The sensors 702a-d5, the wellsite monitors 704a-e5, and the central station 701 may be communicatively coupled by communication links 732 as schematically indicated by the dotted lines. The communication links 732 may be wired or wireless links used to create a communication network with various onsite or offsite locations. The communication links 732 may extend between any of the devices shown, and may be conveyed directly or via another device. For example, the communication link from the central station 701 may be conveyed by satellites 734 or another monitor 704a-e5 to one or more of the other monitors 704a-e5.

One or more of the sensors 702a-d5 may be positioned about the wellsite 100 for collecting and communicating data concerning the wells 108a-c, the downhole tools 112a-c, the surface equipment 111, etc. Each of the sensors 702a-d5 may include a gauge for measuring data, a memory for storing the data, and/or a processor for processing the data. The sensors 702a-d5 may include, for example, a well sensor 702a, a tool sensor 702b, an equipment sensor 702c, and processing sensors 702d1-5.

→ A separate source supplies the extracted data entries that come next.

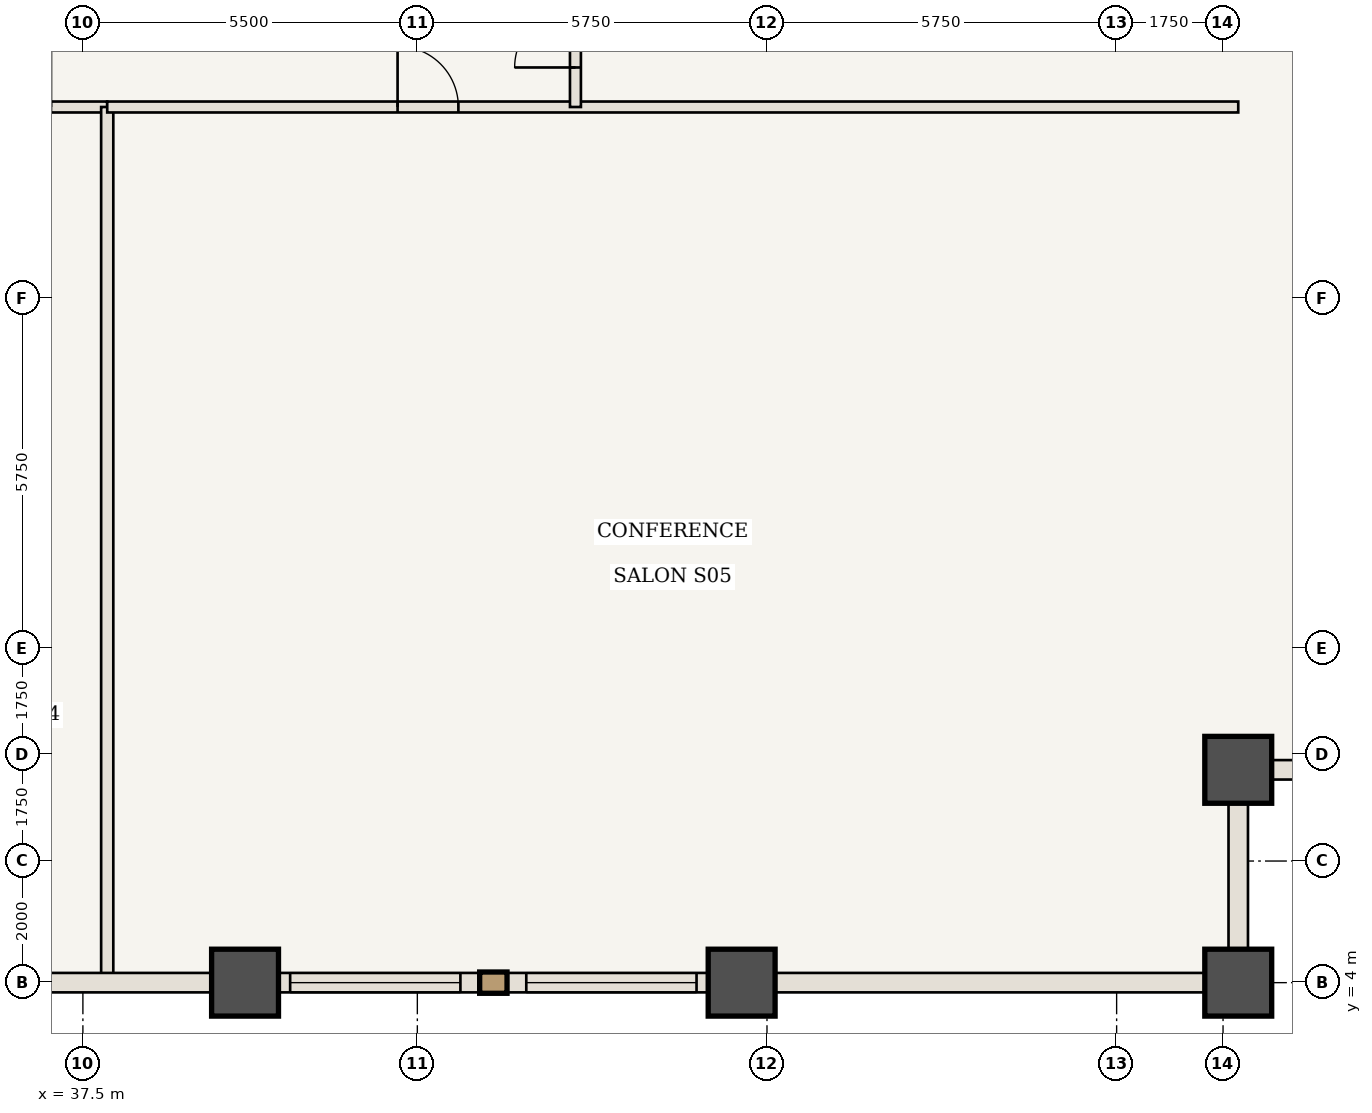
"""IFC4 building model, lengths in metres.
Left out: names, types, materials, properties, quantities, classifications, styles, units other than length and angle.
Written with IfcOpenShell. Run it as: python <this file> out.ifc"""

import sys

from ifc_helpers import new_model, si_unit, direction, frame, frame_2d, origin, origin_2d, place, context, subcontext, project, spatial, rectangle, extrude, element, fill, save


model = new_model("IFC4")
c1 = context("Model", 3, precision=1e-05, world=origin(), true_north=direction((0.0, 1.0)))
c2 = subcontext(c1, "Body", "Model", "MODEL_VIEW")
j1 = project(units=[si_unit("LENGTHUNIT", "METRE"), si_unit("PLANEANGLEUNIT", "RADIAN")], contexts=[c1])
p1 = place(None, origin())
s1 = spatial("IfcSite", under=j1, at=p1, CompositionType="ELEMENT")
p2 = place(p1, origin())
s2 = spatial("IfcBuilding", under=s1, at=p2, CompositionType="ELEMENT")
p3 = place(p2, frame((0.0, 0.0, 38.85)))
s3 = spatial("IfcBuildingStorey", under=s2, at=p3, CompositionType="ELEMENT", Elevation=38.85)
for number, where, z_axis, x_axis in (
    (1, (56.5, 4.0, 0.0), (0.0, 0.0, 1.0), (1.0, 0.0, 0.0)),
    (2, (56.5, 7.5, 0.0), (0.0, 0.0, 1.0), (1.0, 0.0, 0.0)),
    (3, (40.167, 4.0, 0.0), (0.0, 0.0, 1.0), (1.0, 0.0, 0.0)),
    (4, (48.333, 4.0, 0.0), (0.0, 0.0, 1.0), (1.0, 0.0, 0.0)),
):
    element("IfcColumn", number, at=place(p3, frame(where, z_axis=z_axis, x_axis=x_axis)), inside=s3, PredefinedType="COLUMN", context=c2, shape_type="SweptSolid", body=[
        extrude(rectangle(XDim=1.1, YDim=1.1, at=origin_2d()), origin(), (0.0, 0.0, 1.0), 3.5),
    ])
p4 = place(p3, frame((33.2, 18.4, 0.0), z_axis=(0.0, 0.0, 1.0), x_axis=(1.0, 0.0, 0.0)))
e5 = element("IfcWall", 5, at=p4, inside=s3, PredefinedType="STANDARD", context=c2, shape_type="SweptSolid", body=[
    extrude(rectangle(XDim=4.7, YDim=0.18, at=frame_2d((2.35, 0.0))), origin(), (0.0, 0.0, 1.0), 3.08),
])
p5 = place(p4, frame((2.775, 0.0, 0.0)))
e6 = element("IfcOpeningElement", 6, at=p5, cuts=e5, PredefinedType="OPENING", context=c2, shape_type="SweptSolid", body=[
    extrude(rectangle(XDim=1.0, YDim=2.15, at=frame_2d((0.5, 1.075))), frame((0.0, 0.1, 0.0), z_axis=(0.0, -1.0, 0.0), x_axis=(1.0, 0.0, 0.0)), (0.0, 0.0, 1.0), 0.2),
])
p6 = place(p3, frame((37.9, 4.06, 0.0), z_axis=(0.0, 0.0, 1.0), x_axis=(0.0, 1.0, 0.0)))
e7 = element("IfcWall", 7, at=p6, inside=s3, PredefinedType="STANDARD", context=c2, shape_type="SweptSolid", body=[
    extrude(rectangle(XDim=14.34, YDim=0.2, at=frame_2d((7.17, 0.0))), origin(), (0.0, 0.0, 1.0), 3.08),
])
p7 = place(p3, frame((37.9, 18.4, 0.0), z_axis=(0.0, 0.0, 1.0), x_axis=(1.0, 0.0, 0.0)))
e8 = element("IfcWall", 8, at=p7, inside=s3, PredefinedType="STANDARD", context=c2, shape_type="SweptSolid", body=[
    extrude(rectangle(XDim=18.6, YDim=0.18, at=frame_2d((9.3, 0.0))), origin(), (0.0, 0.0, 1.0), 3.08),
])
p8 = place(p7, frame((4.775, 0.0, 0.0)))
e9 = element("IfcOpeningElement", 9, at=p8, cuts=e8, PredefinedType="OPENING", context=c2, shape_type="SweptSolid", body=[
    extrude(rectangle(XDim=1.0, YDim=2.15, at=frame_2d((0.5, 1.075))), frame((0.0, 0.1, 0.0), z_axis=(0.0, -1.0, 0.0), x_axis=(1.0, 0.0, 0.0)), (0.0, 0.0, 1.0), 0.2),
])
p9 = place(p3, frame((45.6, 18.4, 0.0), z_axis=(0.0, 0.0, 1.0), x_axis=(0.0, 1.0, 0.0)))
e10 = element("IfcWall", 10, at=p9, inside=s3, PredefinedType="STANDARD", context=c2, shape_type="SweptSolid", body=[
    extrude(rectangle(XDim=5.2, YDim=0.18, at=frame_2d((2.6, 0.0))), origin(), (0.0, 0.0, 1.0), 3.08),
])
p10 = place(p9, frame((0.65, 0.0, 0.0)))
e11 = element("IfcOpeningElement", 11, at=p10, cuts=e10, PredefinedType="OPENING", context=c2, shape_type="SweptSolid", body=[
    extrude(rectangle(XDim=1.0, YDim=2.15, at=frame_2d((0.5, 1.075))), frame((0.0, 0.1, 0.0), z_axis=(0.0, -1.0, 0.0), x_axis=(1.0, 0.0, 0.0)), (0.0, 0.0, 1.0), 0.2),
])
p11 = place(p3, frame((40.167, 4.0, 0.0), z_axis=(0.0, 0.0, 1.0), x_axis=(-1.0, 0.0, 0.0)))
e12 = element("IfcWall", 12, at=p11, inside=s3, PredefinedType="USERDEFINED", context=c2, shape_type="SweptSolid", body=[
    extrude(rectangle(XDim=8.167, YDim=0.32, at=frame_2d((4.083, 0.0))), origin(), (0.0, 0.0, 1.0), 2.28),
])
p12 = place(p11, frame((3.417, 0.0, 0.85)))
e13 = element("IfcOpeningElement", 13, at=p12, cuts=e12, PredefinedType="OPENING", context=c2, shape_type="SweptSolid", body=[
    extrude(rectangle(XDim=2.4, YDim=1.23, at=frame_2d((1.2, 0.615))), frame((0.0, 0.17, 0.0), z_axis=(0.0, -1.0, 0.0), x_axis=(1.0, 0.0, 0.0)), (0.0, 0.0, 1.0), 0.34),
])
p13 = place(p3, frame((48.333, 4.0, 0.0), z_axis=(0.0, 0.0, 1.0), x_axis=(-1.0, 0.0, 0.0)))
e14 = element("IfcWall", 14, at=p13, inside=s3, PredefinedType="USERDEFINED", context=c2, shape_type="SweptSolid", body=[
    extrude(rectangle(XDim=8.167, YDim=0.32, at=frame_2d((4.083, 0.0))), origin(), (0.0, 0.0, 1.0), 2.28),
])
p14 = place(p13, frame((0.742, 0.0, 0.85)))
e15 = element("IfcOpeningElement", 15, at=p14, cuts=e14, PredefinedType="OPENING", context=c2, shape_type="SweptSolid", body=[
    extrude(rectangle(XDim=2.8, YDim=1.23, at=frame_2d((1.4, 0.615))), frame((0.0, 0.17, 0.0), z_axis=(0.0, -1.0, 0.0), x_axis=(1.0, 0.0, 0.0)), (0.0, 0.0, 1.0), 0.34),
])
p15 = place(p13, frame((4.625, 0.0, 0.85)))
e16 = element("IfcOpeningElement", 16, at=p15, cuts=e14, PredefinedType="OPENING", context=c2, shape_type="SweptSolid", body=[
    extrude(rectangle(XDim=2.8, YDim=1.23, at=frame_2d((1.4, 0.615))), frame((0.0, 0.17, 0.0), z_axis=(0.0, -1.0, 0.0), x_axis=(1.0, 0.0, 0.0)), (0.0, 0.0, 1.0), 0.34),
])
p16 = place(p3, frame((56.5, 4.0, 0.0), z_axis=(0.0, 0.0, 1.0), x_axis=(-1.0, 0.0, 0.0)))
e17 = element("IfcWall", 17, at=p16, inside=s3, PredefinedType="USERDEFINED", context=c2, shape_type="SweptSolid", body=[
    extrude(rectangle(XDim=8.167, YDim=0.32, at=frame_2d((4.083, 0.0))), origin(), (0.0, 0.0, 1.0), 2.28),
])
for number, where, z_axis, x_axis in (
    (18, (56.5, 7.5, 0.0), (0.0, 0.0, 1.0), (0.0, -1.0, 0.0)),
    (19, (60.0, 7.5, 0.0), (0.0, 0.0, 1.0), (-1.0, 0.0, 0.0)),
):
    element("IfcWall", number, at=place(p3, frame(where, z_axis=z_axis, x_axis=x_axis)), inside=s3, PredefinedType="USERDEFINED", context=c2, shape_type="SweptSolid", body=[
        extrude(rectangle(XDim=3.5, YDim=0.32, at=frame_2d((1.75, 0.0))), origin(), (0.0, 0.0, 1.0), 2.28),
    ])
p17 = place(p8, origin())
e20 = element("IfcDoor", 20, at=p17, inside=s3, OperationType="SINGLE_SWING_LEFT", PredefinedType="DOOR", context=c2, shape_type="SweptSolid", body=[
    extrude(rectangle(XDim=1.0, YDim=2.15, at=frame_2d((0.5, 1.075))), frame((0.0, 0.025, 0.0), z_axis=(0.0, -1.0, 0.0), x_axis=(1.0, 0.0, 0.0)), (0.0, 0.0, 1.0), 0.05),
])
fill(e9, e20)
p18 = place(p10, origin())
e21 = element("IfcDoor", 21, at=p18, inside=s3, OperationType="SINGLE_SWING_LEFT", PredefinedType="DOOR", context=c2, shape_type="SweptSolid", body=[
    extrude(rectangle(XDim=1.0, YDim=2.15, at=frame_2d((0.5, 1.075))), frame((0.0, 0.025, 0.0), z_axis=(0.0, -1.0, 0.0), x_axis=(1.0, 0.0, 0.0)), (0.0, 0.0, 1.0), 0.05),
])
fill(e11, e21)
p19 = place(p14, origin())
e22 = element("IfcWindow", 22, at=p19, inside=s3, PartitioningType="SINGLE_PANEL", PredefinedType="WINDOW", context=c2, shape_type="SweptSolid", body=[
    extrude(rectangle(XDim=2.8, YDim=1.23, at=frame_2d((1.4, 0.615))), frame((0.0, 0.03, 0.0), z_axis=(0.0, -1.0, 0.0), x_axis=(1.0, 0.0, 0.0)), (0.0, 0.0, 1.0), 0.06),
])
fill(e15, e22)
p20 = place(p15, origin())
e23 = element("IfcWindow", 23, at=p20, inside=s3, PartitioningType="SINGLE_PANEL", PredefinedType="WINDOW", context=c2, shape_type="SweptSolid", body=[
    extrude(rectangle(XDim=2.8, YDim=1.23, at=frame_2d((1.4, 0.615))), frame((0.0, 0.03, 0.0), z_axis=(0.0, -1.0, 0.0), x_axis=(1.0, 0.0, 0.0)), (0.0, 0.0, 1.0), 0.06),
])
fill(e16, e23)
save(model, sys.argv[1])
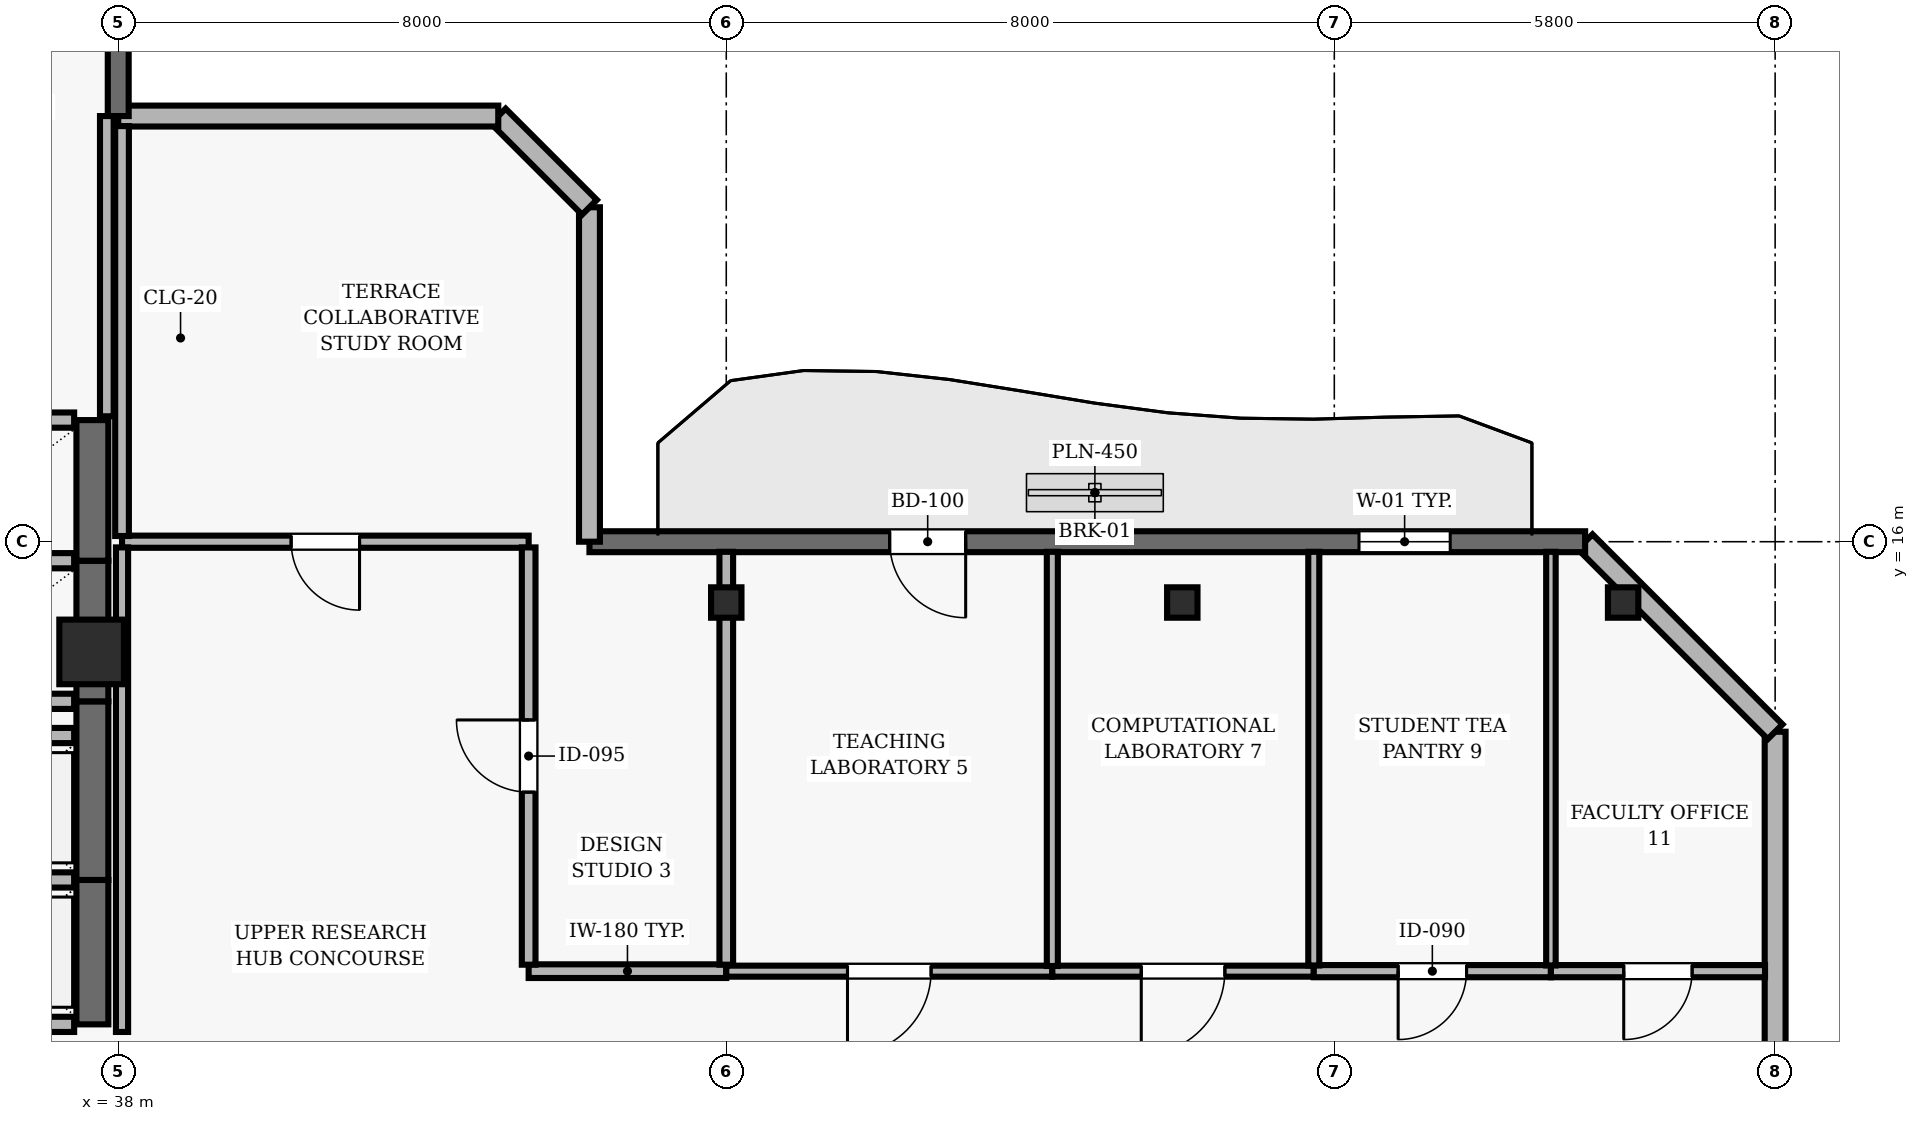
"""IFC4 building model, lengths in metres.
Left out: names, types, materials, properties, quantities, classifications, styles, units other than length and angle.
Written with IfcOpenShell. Run it as: python <this file> out.ifc"""

import sys

from ifc_helpers import new_model, si_unit, direction, frame, frame_2d, origin, origin_2d, place, context, subcontext, project, spatial, rectangle, hollow_rectangle, extrude, element, fill, save


model = new_model("IFC4")
c1 = context("Model", 3, precision=1e-05, world=origin(), true_north=direction((0.0, 1.0)))
c2 = subcontext(c1, "Body", "Model", "MODEL_VIEW")
j1 = project(units=[si_unit("LENGTHUNIT", "METRE"), si_unit("PLANEANGLEUNIT", "RADIAN")], contexts=[c1])
p1 = place(None, origin())
s1 = spatial("IfcSite", under=j1, at=p1, CompositionType="ELEMENT")
p2 = place(p1, origin())
s2 = spatial("IfcBuilding", under=s1, at=p2, CompositionType="ELEMENT")
p3 = place(p2, frame((0.0, 0.0, 279.4)))
s3 = spatial("IfcBuildingStorey", under=s2, at=p3, CompositionType="ELEMENT", Elevation=279.4)
p4 = place(p3, frame((37.65, 14.55, 0.0), z_axis=(0.0, 0.0, 1.0), x_axis=(1.0, 0.0, 0.0)))
e1 = element("IfcColumn", 1, at=p4, inside=s3, PredefinedType="COLUMN", context=c2, shape_type="SweptSolid", body=[
    extrude(rectangle(XDim=0.85, YDim=0.85, at=origin_2d()), origin(), (0.0, 0.0, 1.0), 3.9),
])
for number, where, z_axis, x_axis in (
    (2, (46.0, 15.2, 0.0), (0.0, 0.0, 1.0), (1.0, 0.0, 0.0)),
    (3, (52.0, 15.2, 0.0), (0.0, 0.0, 1.0), (1.0, 0.0, 0.0)),
    (4, (57.8, 15.2, 0.0), (0.0, 0.0, 1.0), (1.0, 0.0, 0.0)),
):
    element("IfcColumn", number, at=place(p3, frame(where, z_axis=z_axis, x_axis=x_axis)), inside=s3, PredefinedType="COLUMN", context=c2, shape_type="SweptSolid", body=[
        extrude(hollow_rectangle(XDim=0.4, YDim=0.4, WallThickness=0.02, at=origin_2d()), origin(), (0.0, 0.0, 1.0), 3.9),
    ])
p5 = place(p3, frame((59.8, 2.5, 0.0), z_axis=(0.0, 0.0, 1.0), x_axis=(0.0, 1.0, 0.0)))
e5 = element("IfcWall", 5, at=p5, inside=s3, PredefinedType="SOLIDWALL", context=c2, shape_type="SweptSolid", body=[
    extrude(rectangle(XDim=11.0, YDim=0.275, at=frame_2d((5.5, 0.0))), origin(), (0.0, 0.0, 1.0), 3.69),
])
p6 = place(p5, frame((1.55, 0.0, 0.9)))
e6 = element("IfcOpeningElement", 6, at=p6, cuts=e5, PredefinedType="OPENING", context=c2, shape_type="SweptSolid", body=[
    extrude(rectangle(XDim=2.4, YDim=2.2, at=frame_2d((1.2, 1.1))), frame((0.0, 0.147, 0.0), z_axis=(0.0, -1.0, 0.0), x_axis=(1.0, 0.0, 0.0)), (0.0, 0.0, 1.0), 0.295),
])
p7 = place(p3, frame((59.8, 13.5, 0.0), z_axis=(0.0, 0.0, 1.0), x_axis=(-0.707106781187, 0.707106781187, 0.0)))
e7 = element("IfcWall", 7, at=p7, inside=s3, PredefinedType="SOLIDWALL", context=c2, shape_type="SweptSolid", body=[
    extrude(rectangle(XDim=3.536, YDim=0.275, at=frame_2d((1.768, 0.0))), origin(), (0.0, 0.0, 1.0), 3.69),
])
p8 = place(p3, frame((57.3, 16.0, 0.0), z_axis=(0.0, 0.0, 1.0), x_axis=(-1.0, 0.0, 0.0)))
e8 = element("IfcWall", 8, at=p8, inside=s3, PredefinedType="SOLIDWALL", context=c2, shape_type="SweptSolid", body=[
    extrude(rectangle(XDim=13.1, YDim=0.275, at=frame_2d((6.55, 0.0))), origin(), (0.0, 0.0, 1.0), 3.69),
])
p9 = place(p8, frame((8.15, 0.0, 0.0)))
e9 = element("IfcOpeningElement", 9, at=p9, cuts=e8, PredefinedType="OPENING", context=c2, shape_type="SweptSolid", body=[
    extrude(rectangle(XDim=1.0, YDim=2.2, at=frame_2d((0.5, 1.1))), frame((0.0, 0.147, 0.0), z_axis=(0.0, -1.0, 0.0), x_axis=(1.0, 0.0, 0.0)), (0.0, 0.0, 1.0), 0.295),
])
p10 = place(p8, frame((1.775, 0.0, 0.9)))
e10 = element("IfcOpeningElement", 10, at=p10, cuts=e8, PredefinedType="OPENING", context=c2, shape_type="SweptSolid", body=[
    extrude(rectangle(XDim=1.2, YDim=1.6, at=frame_2d((0.6, 0.8))), frame((0.0, 0.147, 0.0), z_axis=(0.0, -1.0, 0.0), x_axis=(1.0, 0.0, 0.0)), (0.0, 0.0, 1.0), 0.295),
])
p11 = place(p3, frame((44.2, 16.0, 0.0), z_axis=(0.0, 0.0, 1.0), x_axis=(0.0, 1.0, 0.0)))
e11 = element("IfcWall", 11, at=p11, inside=s3, PredefinedType="SOLIDWALL", context=c2, shape_type="SweptSolid", body=[
    extrude(rectangle(XDim=4.4, YDim=0.275, at=frame_2d((2.2, 0.0))), origin(), (0.0, 0.0, 1.0), 3.69),
])
p12 = place(p3, frame((44.2, 20.4, 0.0), z_axis=(0.0, 0.0, 1.0), x_axis=(-0.707034851297, 0.707178703759, 0.0)))
e12 = element("IfcWall", 12, at=p12, inside=s3, PredefinedType="SOLIDWALL", context=c2, shape_type="SweptSolid", body=[
    extrude(rectangle(XDim=1.697, YDim=0.275, at=frame_2d((0.849, 0.0))), origin(), (0.0, 0.0, 1.0), 3.69),
])
p13 = place(p3, frame((43.0, 21.6, 0.0), z_axis=(0.0, 0.0, 1.0), x_axis=(-1.0, 0.0, 0.0)))
e13 = element("IfcWall", 13, at=p13, inside=s3, PredefinedType="SOLIDWALL", context=c2, shape_type="SweptSolid", body=[
    extrude(rectangle(XDim=5.0, YDim=0.275, at=frame_2d((2.5, 0.0))), origin(), (0.0, 0.0, 1.0), 3.69),
])
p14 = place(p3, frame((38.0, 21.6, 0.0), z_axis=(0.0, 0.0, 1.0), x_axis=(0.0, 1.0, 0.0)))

Each of the sensors 702a-d5 may be positioned about the wellsite 100 to gather information concerning one or more wellsite parameters. The well sensor 702a may be a sensor positioned at the wells 108a-c for measuring well parameters concerning operation of the wells 108a-c. For example, the well sensor 702a may be coupled to the surface equipment 111a-d to measure well operating parameters, such as pressures of fluids, detected pumping conditions, detected equipment position, etc. The well sensor 702a may also collect well status parameters concerning the well(s) 108a-c, such as well location, well identification, equipment type, wellbore conditions, etc. The well sensor 702b may also be used to detect well equipment at the well 108a-c, such as the well lubricator 241, the wireline tool 112a, and the surface equipment 111a-d, as well as activity involving the wells 108a-c.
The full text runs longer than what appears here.